Scaling up Malaria Prevention and Treatment Programs
A health worker in Benin conducts training on using bed nets to prevent malaria. Photo by Dr. Steve Harvey, Johns Hopkins University.

Reducing malaria transmission and malaria-related deaths requires comprehensive, integrated programming. URC engages in a wide range of malaria prevention and control activities. In communities, we work with government and civil society to promote, distribute, and hang up long-lasting, insecticide-treated bed nets and carry out multi-faceted social mobilization to promote sustained use of malaria interventions. At the facility level, we ensure that providers have the skills, medicines, and equipment for intermittent preventive treatment during pregnancy, improved diagnosis through the use of rapid diagnostic tests and quality microscopy, and strengthened case management using artemisinin combination therapy. Supportive supervision of health care providers at the health facility and community levels reinforces these skills.
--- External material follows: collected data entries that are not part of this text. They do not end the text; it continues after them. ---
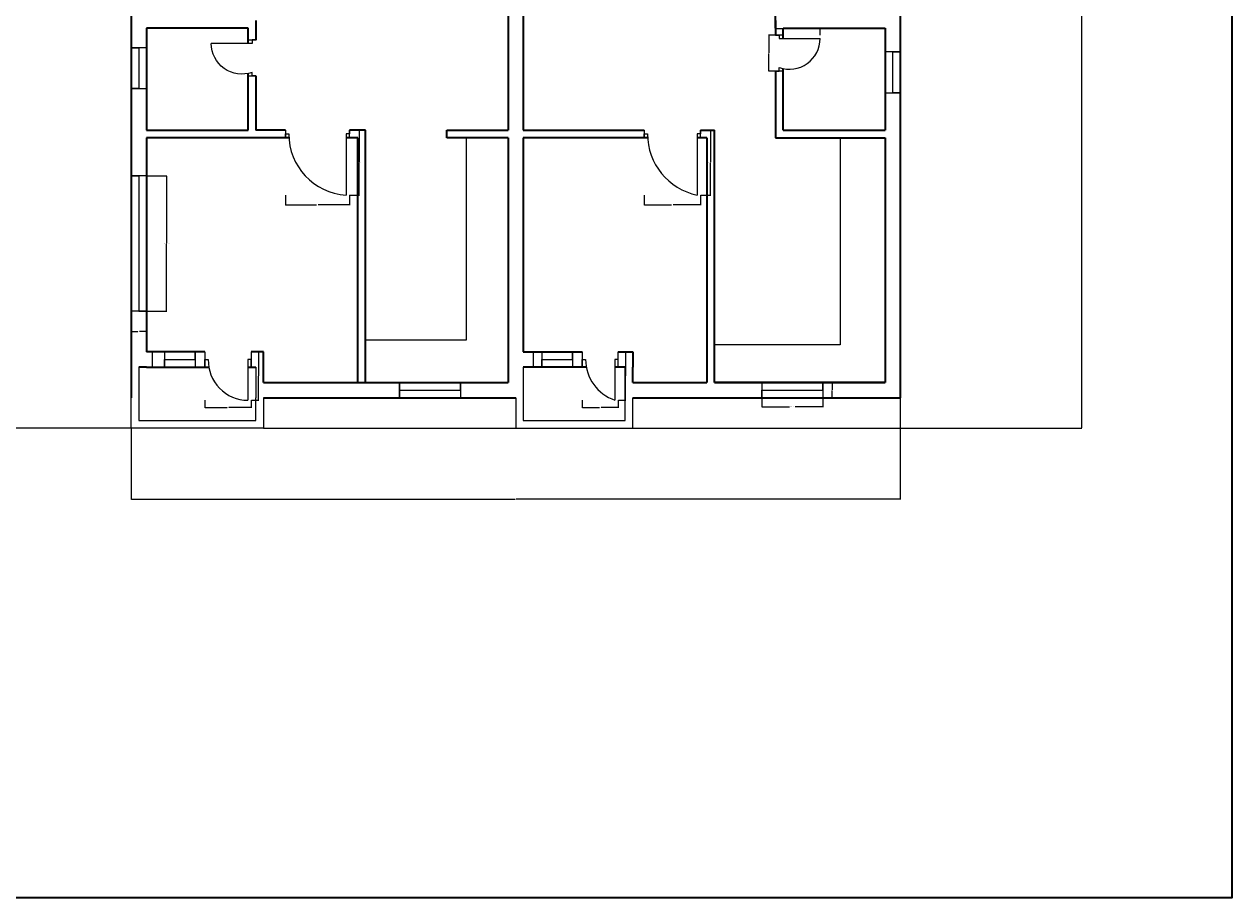
# Model space of a CAD drawing. Units: inches. Extents: x 2250 to 3629, y 982 to 2740.
# Tile 6 of 12: x 2918 to 3629, y 982 to 1497. Entities that reach past the tile are written whole.
import ezdxf

# ---------------------------------------------------------------- set-up
doc = ezdxf.new("R2010")
doc.units = ezdxf.units.IN
for name, color, linetype, lineweight in [('A-ANNO-DIMS', 2, 'Continuous', 18), ('A-ANNO-TTLB', 7, 'Continuous', 35), ('A-DOOR', 3, 'Continuous', 18), ('A-FLOR-DECK', 7, 'Continuous', 25), ('A-FLOR-FIXT', 9, 'Continuous', 18), ('A-GLAZ', 4, 'Continuous', 18), ('A-WALL', 7, 'Continuous', 35)]:
    doc.layers.add(name, color=color, linetype=linetype, lineweight=lineweight)
doc.styles.get("Standard").update_dxf_attribs({"font": 'arial.ttf'})
doc.dimstyles.get("Standard").update_dxf_attribs({"dimtxt": 0.18, "dimasz": 0.18, "dimexe": 0.18, "dimexo": 0.0625, "dimgap": 0.09, "dimtad": 0, "dimtih": 1, "dimtoh": 1, "dimdec": 4, "dimzin": 0, "dimdsep": 46, "dimtxsty": 'Standard', "dimcen": 0.09, "dimadec": 0, "dimazin": 0, "dimtfac": 1, "dimtdec": 4, "dimtofl": 0, "dimtmove": 0, "dimatfit": 3, "dimfxl": 1, "dimtolj": 1, "dimtzin": 0, "dimarcsym": 0})

# ---------------------------------------------------------------- blocks, each defined once
blk = doc.blocks.new('DR-24-BATH-SE')
for p, q in [((4.5, 21.1), (0, 21.1)), ((0, 21.1), (2.25, 21.1)), ((2.25, 21.1), (2.25, 19.1)), ((2.25, 19.1), (26.25, 19.1)), ((4.5, 0), (0, 0)), ((0, 0), (2.25, 0)), ((2.25, 0), (2.25, 2))]:
    blk.add_line(p, q)
blk.add_arc((8.16, 19.1), 18.09, 250.94149, 0)
blk = doc.blocks.new('DR-36-BED-SW')
for p, q in [((0, 38.25), (0, 33.75)), ((0, 33.75), (0, 36)), ((0, 36), (2, 36)), ((37.72, 36), (35.72, 36)), ((35.72, 36), (35.72, 0)), ((37.72, 33.75), (37.72, 38.25)), ((37.72, 38.25), (37.72, 36))]:
    blk.add_line(p, q)
blk.add_arc((38.08, 36), 36.08, 180, 266.25862)
blk = doc.blocks.new('DR-36-BED-SE')
for p, q in [((0, 38.25), (0, 33.75)), ((0, 33.75), (0, 36)), ((0, 36), (2, 36)), ((33.26, 36), (31.26, 36)), ((31.26, 36), (31.26, 0)), ((33.26, 33.75), (33.26, 38.25)), ((33.26, 38.25), (33.26, 36))]:
    blk.add_line(p, q)
blk.add_arc((38.78, 36), 36.78, 180, 258.21311)
blk = doc.blocks.new('DR-24-DECK-SW')
for p, q in [((0, 28.5), (0, 19.5)), ((27.27, 28.5), (27.27, 19.5)), ((0, 19.5), (0, 24)), ((0, 24), (2, 24)), ((27.27, 24), (25.27, 24)), ((25.27, 24), (25.27, 0)), ((27.27, 19.5), (27.27, 24))]:
    blk.add_line(p, q)
blk.add_arc((25.27, 23.29), 23.29, 178.24083, 270)
blk = doc.blocks.new('DR-24-DECK-SE')
for p, q in [((0, 28.5), (0, 19.5)), ((21.23, 19.5), (21.23, 28.5)), ((0, 19.5), (0, 24)), ((0, 24), (2, 24)), ((21.23, 24), (19.23, 24)), ((19.23, 24), (19.23, 0))]:
    blk.add_line(p, q)
blk.add_arc((27.33, 24), 25.33, 180, 251.36498)
blk = doc.blocks.new('WIN-24-DECK-NE')
for p, q in [((0, 4.5), (0, 9)), ((0, 9), (0, 0)), ((24, 0), (24, 9)), ((24, 9), (24, 4.5)), ((24, 4.5), (0, 4.5))]:
    blk.add_line(p, q)
blk = doc.blocks.new('WIN-36-KITCHEN-NE')
for p, q in [((0, 9), (0, 0)), ((0, 0), (0, 9)), ((0, 9), (0, 4.5)), ((36, 4.5), (36, 9)), ((36, 9), (36, 0)), ((0, 4.5), (36, 4.5))]:
    blk.add_line(p, q)
blk = doc.blocks.new('WIN-18-DECK-SW')
for p, q in [((0, 9), (0, 0)), ((18.04, 4.5), (18.04, 9)), ((18.04, 9), (18.04, 0)), ((0, 0), (0, 4.5)), ((0, 4.5), (18.04, 4.5))]:
    blk.add_line(p, q)
blk = doc.blocks.new('WIN-36-KITCHEN-SE')
for p, q in [((0, 9), (0, 0)), ((36, 4.5), (36, 9)), ((36, 9), (36, 0)), ((0, 0), (0, 4.5)), ((0, 4.5), (36, 4.5))]:
    blk.add_line(p, q)
blk = doc.blocks.new('WIN-BED-SW')
for p, q in [((9, 79.76), (0, 79.76)), ((0, 79.76), (4.5, 79.76)), ((4.5, 79.76), (4.5, 0)), ((9, 0), (0, 0)), ((4.5, 0), (9, 0))]:
    blk.add_line(p, q)
blk = doc.blocks.new('*D91')
at = {"layer": 'A-ANNO-DIMS', "color": 0, "lineweight": -2, "transparency": 16777216}
for p, q in [((3352.67, 1276.67), (3352.67, 1271.16)), ((3388.67, 1276.67), (3388.67, 1271.16)), ((3352.85, 1271.34), (3368.97, 1271.34)), ((3388.49, 1271.34), (3372.37, 1271.34))]:
    blk.add_line(p, q, dxfattribs=at)
at = {"layer": 'A-ANNO-DIMS', "color": 0, "transparency": 16777216}
for points in [[(3352.85, 1271.37), (3352.85, 1271.31), (3352.67, 1271.34)], [(3388.49, 1271.37), (3388.49, 1271.31), (3388.67, 1271.34)]]:
    blk.add_solid(points, dxfattribs=at)
at = {"layer": 'Defpoints', "color": 0, "transparency": 16777216}
for p in [(3352.67, 1276.74), (3388.67, 1276.74), (3388.67, 1271.34)]:
    blk.add_point(p, dxfattribs=at)
at = {"layer": 'A-ANNO-DIMS', "color": 0, "transparency": 16777216, "insert": (3370.67, 1271.34), "char_height": 0.18, "attachment_point": 5}
blk.add_mtext('\\A1;KITCHEN WINDOW 36 TYP.', dxfattribs=at)
blk = doc.blocks.new('*D92')
at = {"layer": 'A-ANNO-DIMS', "color": 0, "lineweight": -2, "transparency": 16777216}
for p, q in [((3388.73, 1285.74), (3394.25, 1285.74)), ((3394.07, 1285.56), (3394.07, 1281.42)), ((3394.07, 1276.92), (3394.07, 1281.05)), ((3388.73, 1276.74), (3394.25, 1276.74))]:
    blk.add_line(p, q, dxfattribs=at)
at = {"layer": 'A-ANNO-DIMS', "color": 0, "transparency": 16777216}
for points in [[(3394.04, 1285.56), (3394.1, 1285.56), (3394.07, 1285.74)], [(3394.04, 1276.92), (3394.1, 1276.92), (3394.07, 1276.74)]]:
    blk.add_solid(points, dxfattribs=at)
at = {"layer": 'Defpoints', "color": 0, "transparency": 16777216}
for p in [(3388.67, 1285.74), (3394.07, 1285.74), (3388.67, 1276.74)]:
    blk.add_point(p, dxfattribs=at)
at = {"layer": 'A-ANNO-DIMS', "color": 0, "transparency": 16777216, "insert": (3394.07, 1281.24), "char_height": 0.18, "attachment_point": 5}
blk.add_mtext('\\A1;9 TYP.', dxfattribs=at)
blk = doc.blocks.new('*D93')
at = {"layer": 'A-ANNO-DIMS', "color": 0, "lineweight": -2, "transparency": 16777216}
for p, q in [((2990.29, 1407.36), (3002.37, 1407.36)), ((3002.19, 1407.18), (3002.19, 1367.66)), ((3002.19, 1327.77), (3002.19, 1367.29)), ((2990.29, 1327.59), (3002.37, 1327.59))]:
    blk.add_line(p, q, dxfattribs=at)
at = {"layer": 'A-ANNO-DIMS', "color": 0, "transparency": 16777216}
for points in [[(3002.16, 1407.18), (3002.22, 1407.18), (3002.19, 1407.36)], [(3002.16, 1327.77), (3002.22, 1327.77), (3002.19, 1327.59)]]:
    blk.add_solid(points, dxfattribs=at)
at = {"layer": 'Defpoints', "color": 0, "transparency": 16777216}
for p in [(2990.23, 1407.36), (3002.19, 1407.36), (2990.23, 1327.59)]:
    blk.add_point(p, dxfattribs=at)
at = {"layer": 'A-ANNO-DIMS', "color": 0, "transparency": 16777216, "insert": (3002.19, 1367.47), "char_height": 0.18, "attachment_point": 5}
blk.add_mtext('\\A1;BEDROOM WINDOW 80 TYP.', dxfattribs=at)
blk = doc.blocks.new('*D94')
at = {"layer": 'A-ANNO-DIMS', "color": 0, "lineweight": -2, "transparency": 16777216}
for p, q in [((2981.23, 1327.53), (2981.23, 1315.45)), ((2990.23, 1327.53), (2990.23, 1315.45)), ((2981.41, 1315.63), (2985.27, 1315.63)), ((2990.05, 1315.63), (2986.18, 1315.63))]:
    blk.add_line(p, q, dxfattribs=at)
at = {"layer": 'A-ANNO-DIMS', "color": 0, "transparency": 16777216}
for points in [[(2981.41, 1315.66), (2981.41, 1315.6), (2981.23, 1315.63)], [(2990.05, 1315.66), (2990.05, 1315.6), (2990.23, 1315.63)]]:
    blk.add_solid(points, dxfattribs=at)
at = {"layer": 'Defpoints', "color": 0, "transparency": 16777216}
for p in [(2981.23, 1327.59), (2990.23, 1327.59), (2990.23, 1315.63)]:
    blk.add_point(p, dxfattribs=at)
at = {"layer": 'A-ANNO-DIMS', "color": 0, "transparency": 16777216, "insert": (2985.73, 1315.63), "char_height": 0.18, "attachment_point": 5}
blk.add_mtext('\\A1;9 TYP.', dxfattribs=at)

At the national level, we improve the quality and use of malaria data and enhance procurement and logistics to ensure a reliable supply of high-quality drugs and diagnostics.  Our activities are based on rigorous operational research to identify the best models for reducing malaria transmission in the local context and entomological research to guide policy and programming decisions to reduce insecticide resistance and improve vector control.

Volunteers transport bed nets to hang in homes in remote communities in Ghana's Eastern Region. Photo by Maurice Ocquaye, URC.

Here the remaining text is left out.